After introducing a number of new services for machine learning and database analytics on Tuesday, Amazon Web Services Inc. doubled down today with a host of new tools aimed at providing what one top executive described as a “future-proof” data strategy.
In a keynote address led by Swami Sivasubramanian, vice president of database, analytics and machine learning at AWS, the cloud giant introduced enhancements for file ingestion, workload scaling and managing overall data quality. Sivasubramanian noted at the start of his presentation that the latest innovations were a continuation of Amazon’s lengthy history of data management.
“We have been in the data business long before AWS came into existence,” Sivasubramanian said. “We used data to anticipate our customers’ need for expanded storage which paved the way for AWS. We built our business on data.”
New analytics capabilities
To help other enterprises build on data, AWS focused this week on providing tools designed to address a number of enterprise pain points by making it faster and easier to manage and analyze data at petabyte scale. The company unveiled several new database and analytics capabilities on Wednesday to support this approach.
Amazon OpenSearch Serverless will help run search and analytics workloads without requiring the configuration or management of underlying infrastructure. Workload support also got a boost through the introduction of Amazon DocumentDB Elastic Clusters to scale customer files with millions of writes per second and multi-petabyte storage of data.
AWS also rolled out Amazon Athena for Apache Spark. This new feature will reduce the time to use Spark for interactive analytics from minutes to less than a second, according to Sivasubramanian.
Building on its AWS Glue serverless data integration service, the company announced Glue Data Quality which will reduce time for data analysis by automatically measuring and monitoring data quality across pipelines. And the Amazon Redshift cloud data warehouse will now support high availability configuration across multiple AWS Availability Zones. The goal is to deliver high reliability and availability to support mission critical analytics workloads, balancing data security with the need for faster recovery.
“While these security solutions are critical, we also believe they should not slow you down,” Sivasubramanian said.

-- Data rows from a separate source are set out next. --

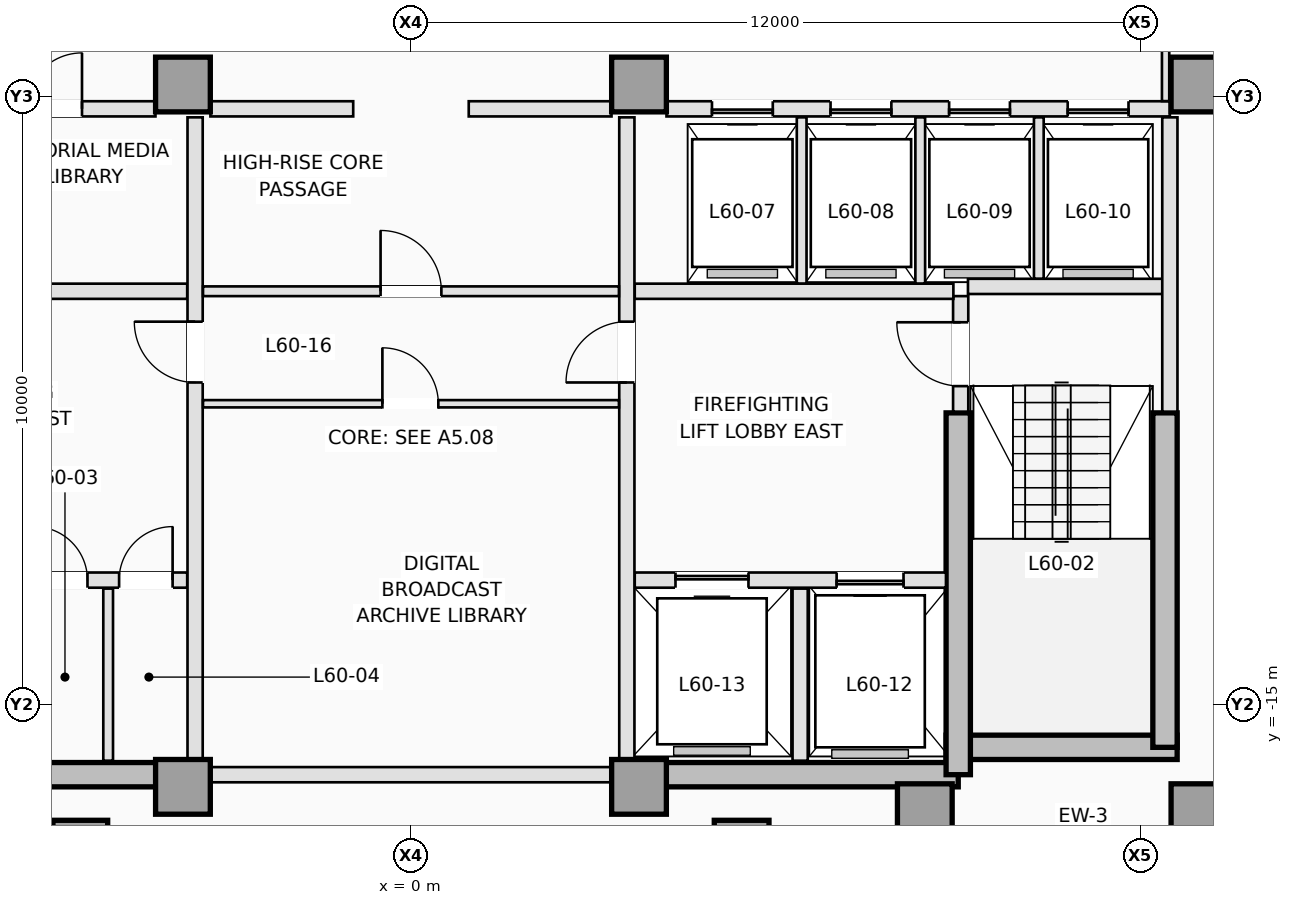
"""IFC4 building model, lengths in metres.
Left out: names, types, materials, properties, quantities, classifications, styles, units other than length and angle.
Written with IfcOpenShell. Run it as: python <this file> out.ifc"""

import sys

from ifc_helpers import new_model, si_unit, direction, frame, frame_2d, origin, origin_2d, place, context, subcontext, project, spatial, rectangle, extrude, element, fill, save


model = new_model("IFC4")
c1 = context("Model", 3, precision=1e-05, world=origin(), true_north=direction((0.0, 1.0)))
c2 = subcontext(c1, "Body", "Model", "MODEL_VIEW")
j1 = project(units=[si_unit("LENGTHUNIT", "METRE"), si_unit("PLANEANGLEUNIT", "RADIAN")], contexts=[c1])
p1 = place(None, origin())
s1 = spatial("IfcSite", under=j1, at=p1, CompositionType="ELEMENT")
p2 = place(p1, origin())
s2 = spatial("IfcBuilding", under=s1, at=p2, CompositionType="ELEMENT")
p3 = place(p2, frame((0.0, 0.0, 218.4)))
s3 = spatial("IfcBuildingStorey", under=s2, at=p3, CompositionType="ELEMENT", Elevation=218.4)
for number, where, z_axis, x_axis in (
    (1, (-9.0, -16.15, 0.0), (0.0, 0.0, 1.0), (1.0, 0.0, 0.0)),
    (2, (3.75, -16.15, 0.0), (0.0, 0.0, 1.0), (1.0, 0.0, 0.0)),
):
    element("IfcWall", number, at=place(p3, frame(where, z_axis=z_axis, x_axis=x_axis)), inside=s3, PredefinedType="SHEAR", context=c2, shape_type="SweptSolid", body=[
        extrude(rectangle(XDim=5.25, YDim=0.4, at=frame_2d((2.625, 0.0))), origin(), (0.0, 0.0, 1.0), 3.5),
    ])
p4 = place(p3, frame((8.8, -15.7, 0.0), z_axis=(0.0, 0.0, 1.0), x_axis=(1.0, 0.0, 0.0)))
e3 = element("IfcWall", 3, at=p4, inside=s3, PredefinedType="SHEAR", context=c2, shape_type="SweptSolid", body=[
    extrude(rectangle(XDim=3.8, YDim=0.4, at=frame_2d((1.9, 0.0))), origin(), (0.0, 0.0, 1.0), 3.5),
])
p5 = place(p3, frame((12.4, -15.7, 0.0), z_axis=(0.0, 0.0, 1.0), x_axis=(0.0, 1.0, 0.0)))
e4 = element("IfcWall", 4, at=p5, inside=s3, PredefinedType="SHEAR", context=c2, shape_type="SweptSolid", body=[
    extrude(rectangle(XDim=5.5, YDim=0.4, at=frame_2d((2.75, 0.0))), origin(), (0.0, 0.0, 1.0), 3.5),
])
p6 = place(p3, frame((9.0, -16.15, 0.0), z_axis=(0.0, 0.0, 1.0), x_axis=(0.0, 1.0, 0.0)))
e5 = element("IfcWall", 5, at=p6, inside=s3, PredefinedType="SHEAR", context=c2, shape_type="SweptSolid", body=[
    extrude(rectangle(XDim=5.95, YDim=0.4, at=frame_2d((2.975, 0.0))), origin(), (0.0, 0.0, 1.0), 3.5),
])
for number, where, z_axis, x_axis in (
    (6, (-3.75, -16.35, 0.0), (0.0, 0.0, 1.0), (1.0, 0.0, 0.0)),
    (7, (3.75, -16.35, 0.0), (0.0, 0.0, 1.0), (1.0, 0.0, 0.0)),
    (8, (8.45, -16.75, 0.0), (0.0, 0.0, 1.0), (1.0, 0.0, 0.0)),
    (9, (12.95, -16.75, 0.0), (0.0, 0.0, 1.0), (1.0, 0.0, 0.0)),
    (10, (-3.75, -4.8, 0.0), (0.0, 0.0, 1.0), (1.0, 0.0, 0.0)),
    (11, (3.75, -4.8, 0.0), (0.0, 0.0, 1.0), (1.0, 0.0, 0.0)),
    (12, (12.95, -4.8, 0.0), (0.0, 0.0, 1.0), (1.0, 0.0, 0.0)),
    (13, (-5.438, -17.35, 0.0), (0.0, 0.0, 1.0), (0.0, 1.0, 0.0)),
    (14, (5.438, -17.35, 0.0), (0.0, 0.0, 1.0), (0.0, 1.0, 0.0)),
):
    element("IfcColumn", number, at=place(p3, frame(where, z_axis=z_axis, x_axis=x_axis)), inside=s3, PredefinedType="COLUMN", context=c2, shape_type="SweptSolid", body=[
        extrude(rectangle(XDim=0.9, YDim=0.9, at=origin_2d()), origin(), (0.0, 0.0, 1.0), 3.5),
    ])
p7 = place(p3, frame((9.04, -10.18, 0.0), z_axis=(0.0, 0.0, 1.0), x_axis=(0.0, 1.0, 0.0)))
e15 = element("IfcWall", 15, at=p7, inside=s3, PredefinedType="PARTITIONING", context=c2, shape_type="SweptSolid", body=[
    extrude(rectangle(XDim=1.9, YDim=0.25, at=frame_2d((0.95, 0.0))), origin(), (0.0, 0.0, 1.0), 3.25),
])
p8 = place(p7, frame((0.42, 0.0, 0.0)))
e16 = element("IfcOpeningElement", 16, at=p8, cuts=e15, PredefinedType="OPENING", context=c2, shape_type="SweptSolid", body=[
    extrude(rectangle(XDim=1.05, YDim=2.15, at=frame_2d((0.525, 1.075))), frame((0.0, 0.135, 0.0), z_axis=(0.0, -1.0, 0.0), x_axis=(1.0, 0.0, 0.0)), (0.0, 0.0, 1.0), 0.27),
])
p9 = place(p3, frame((9.16, -8.12, 0.0), z_axis=(0.0, 0.0, 1.0), x_axis=(1.0, 0.0, 0.0)))
e17 = element("IfcWall", 17, at=p9, inside=s3, PredefinedType="PARTITIONING", context=c2, shape_type="SweptSolid", body=[
    extrude(rectangle(XDim=3.22, YDim=0.25, at=frame_2d((1.61, 0.0))), origin(), (0.0, 0.0, 1.0), 3.25),
])
p10 = place(p3, frame((12.48, -10.18, 0.0), z_axis=(0.0, 0.0, 1.0), x_axis=(0.0, 1.0, 0.0)))
e18 = element("IfcWall", 18, at=p10, inside=s3, PredefinedType="PARTITIONING", context=c2, shape_type="SweptSolid", body=[
    extrude(rectangle(XDim=4.84, YDim=0.25, at=frame_2d((2.42, 0.0))), origin(), (0.0, 0.0, 1.0), 3.25),
])
p11 = place(p3, frame((-8.798, -12.95, 0.0), z_axis=(0.0, 0.0, 1.0), x_axis=(1.0, 0.0, 0.0)))
e19 = element("IfcWall", 19, at=p11, inside=s3, PredefinedType="PARTITIONING", context=c2, shape_type="SweptSolid", body=[
    extrude(rectangle(XDim=5.118, YDim=0.25, at=frame_2d((2.559, 0.0))), origin(), (0.0, 0.0, 1.0), 3.25),
])
p12 = place(p11, frame((0.698, 0.0, 0.0)))
e20 = element("IfcOpeningElement", 20, at=p12, cuts=e19, PredefinedType="OPENING", context=c2, shape_type="SweptSolid", body=[
    extrude(rectangle(XDim=1.1, YDim=2.15, at=frame_2d((0.55, 1.075))), frame((0.0, 0.135, 0.0), z_axis=(0.0, -1.0, 0.0), x_axis=(1.0, 0.0, 0.0)), (0.0, 0.0, 1.0), 0.27),
])
p13 = place(p11, frame((2.598, 0.0, 0.0)))
e21 = element("IfcOpeningElement", 21, at=p13, cuts=e19, PredefinedType="OPENING", context=c2, shape_type="SweptSolid", body=[
    extrude(rectangle(XDim=0.88, YDim=2.1, at=frame_2d((0.44, 1.05))), frame((0.0, 0.135, 0.0), z_axis=(0.0, -1.0, 0.0), x_axis=(1.0, 0.0, 0.0)), (0.0, 0.0, 1.0), 0.27),
])
p14 = place(p11, frame((3.998, 0.0, 0.0)))
e22 = element("IfcOpeningElement", 22, at=p14, cuts=e19, PredefinedType="OPENING", context=c2, shape_type="SweptSolid", body=[
    extrude(rectangle(XDim=0.88, YDim=2.1, at=frame_2d((0.44, 1.05))), frame((0.0, 0.135, 0.0), z_axis=(0.0, -1.0, 0.0), x_axis=(1.0, 0.0, 0.0)), (0.0, 0.0, 1.0), 0.27),
])
p15 = place(p3, frame((3.68, -12.95, 0.0), z_axis=(0.0, 0.0, 1.0), x_axis=(1.0, 0.0, 0.0)))
e23 = element("IfcWall", 23, at=p15, inside=s3, PredefinedType="PARTITIONING", context=c2, shape_type="SweptSolid", body=[
    extrude(rectangle(XDim=5.118, YDim=0.25, at=frame_2d((2.559, 0.0))), origin(), (0.0, 0.0, 1.0), 3.25),
])
p16 = place(p15, frame((3.32, 0.0, 0.0)))
e24 = element("IfcOpeningElement", 24, at=p16, cuts=e23, PredefinedType="OPENING", context=c2, shape_type="SweptSolid", body=[
    extrude(rectangle(XDim=1.1, YDim=2.15, at=frame_2d((0.55, 1.075))), frame((0.0, 0.135, 0.0), z_axis=(0.0, -1.0, 0.0), x_axis=(1.0, 0.0, 0.0)), (0.0, 0.0, 1.0), 0.27),
])
p17 = place(p15, frame((0.67, 0.0, 0.0)))
e25 = element("IfcOpeningElement", 25, at=p17, cuts=e23, PredefinedType="OPENING", context=c2, shape_type="SweptSolid", body=[
    extrude(rectangle(XDim=1.2, YDim=2.15, at=frame_2d((0.6, 1.075))), frame((0.0, 0.135, 0.0), z_axis=(0.0, -1.0, 0.0), x_axis=(1.0, 0.0, 0.0)), (0.0, 0.0, 1.0), 0.27),
])
p18 = place(p3, frame((-4.98, -15.92, 0.0), z_axis=(0.0, 0.0, 1.0), x_axis=(0.0, 1.0, 0.0)))
e26 = element("IfcWall", 26, at=p18, inside=s3, PredefinedType="PARTITIONING", context=c2, shape_type="SweptSolid", body=[
    extrude(rectangle(XDim=2.83, YDim=0.16, at=frame_2d((1.415, 0.0))), origin(), (0.0, 0.0, 1.0), 3.25),
])
p19 = place(p3, frame((6.4, -15.92, 0.0), z_axis=(0.0, 0.0, 1.0), x_axis=(0.0, 1.0, 0.0)))
e27 = element("IfcWall", 27, at=p19, inside=s3, PredefinedType="PARTITIONING", context=c2, shape_type="SweptSolid", body=[
    extrude(rectangle(XDim=2.83, YDim=0.25, at=frame_2d((1.415, 0.0))), origin(), (0.0, 0.0, 1.0), 3.25),
])
for number, where, z_axis, x_axis in (
    (28, (-8.92, -8.2, 0.0), (0.0, 0.0, 1.0), (1.0, 0.0, 0.0)),
    (29, (3.68, -8.2, 0.0), (0.0, 0.0, 1.0), (1.0, 0.0, 0.0)),
):
    element("IfcWall", number, at=place(p3, frame(where, z_axis=z_axis, x_axis=x_axis)), inside=s3, PredefinedType="PARTITIONING", context=c2, shape_type="SweptSolid", body=[
        extrude(rectangle(XDim=5.24, YDim=0.25, at=frame_2d((2.62, 0.0))), origin(), (0.0, 0.0, 1.0), 3.25),
    ])
p20 = place(p3, frame((-3.55, -15.898, 0.0), z_axis=(0.0, 0.0, 1.0), x_axis=(0.0, 1.0, 0.0)))
e30 = element("IfcWall", 30, at=p20, inside=s3, PredefinedType="PARTITIONING", context=c2, shape_type="SweptSolid", body=[
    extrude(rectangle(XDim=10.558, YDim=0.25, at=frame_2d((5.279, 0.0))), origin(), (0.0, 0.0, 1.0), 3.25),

In addition to the availability zone enhancement for Redshift, AWS announced Centralized Access Controls for Redshift Data Sharing which governs access using AWS Lake Formation, and a new ability to auto-copy files into Redshift from S3.
Amazon SageMaker, the company’s cloud machine learning platform, was clearly a focus this week. AWS unveiled eight new SageMaker capabilities on Wednesday, including a Model Dashboard for tracking machine learning model performance, a Role Manager solution for defining access and permissions, and a streamlined data preparation capability in SageMaker Studio Notebooks.
The company also showcased an expanded capability for SageMaker in supporting the use of geospatial data for customers. SageMaker will now simplify the generation of geospatial machine learning predictions and speed up model development.
“Geospatial datasets are typically massive and unstructured, and the tools are really limited,” Sivasubramanian said. “We are making it easier for customers to unlock the value of geospatial data. These types of innovations demonstrate the impact that data can have on organizations and the world.”
On Wednesday, AWS announced general availability of Trusted Language Extensions for PostgreSQL, a new open-source development kit. The company already supported more than 85 PostgreSQL extensions in Amazon Aurora and Amazon RDS, and this latest release was in response to customers’ interest in flexibility to build and run their own extensions for PostgreSQL database instances.
Aurora also received additional support through the addition of Amazon GuardDuty RDS Protection using machine learning to identify threats to data stored in Aurora databases. This single-click functionality will be available to AWS customers at no additional cost during the preview period.
Sivasubramanian outlined a vision in his keynote of an enterprise world in which data becomes the connective tissue threaded across organizations. This will create a lasting culture of innovation, according to the AWS executive, built around data and the tools to maximize its value.
“It’s individuals who create these sparks of innovations, but it is the leaders who must create a data driven culture to help them get there,” Sivasubramanian said.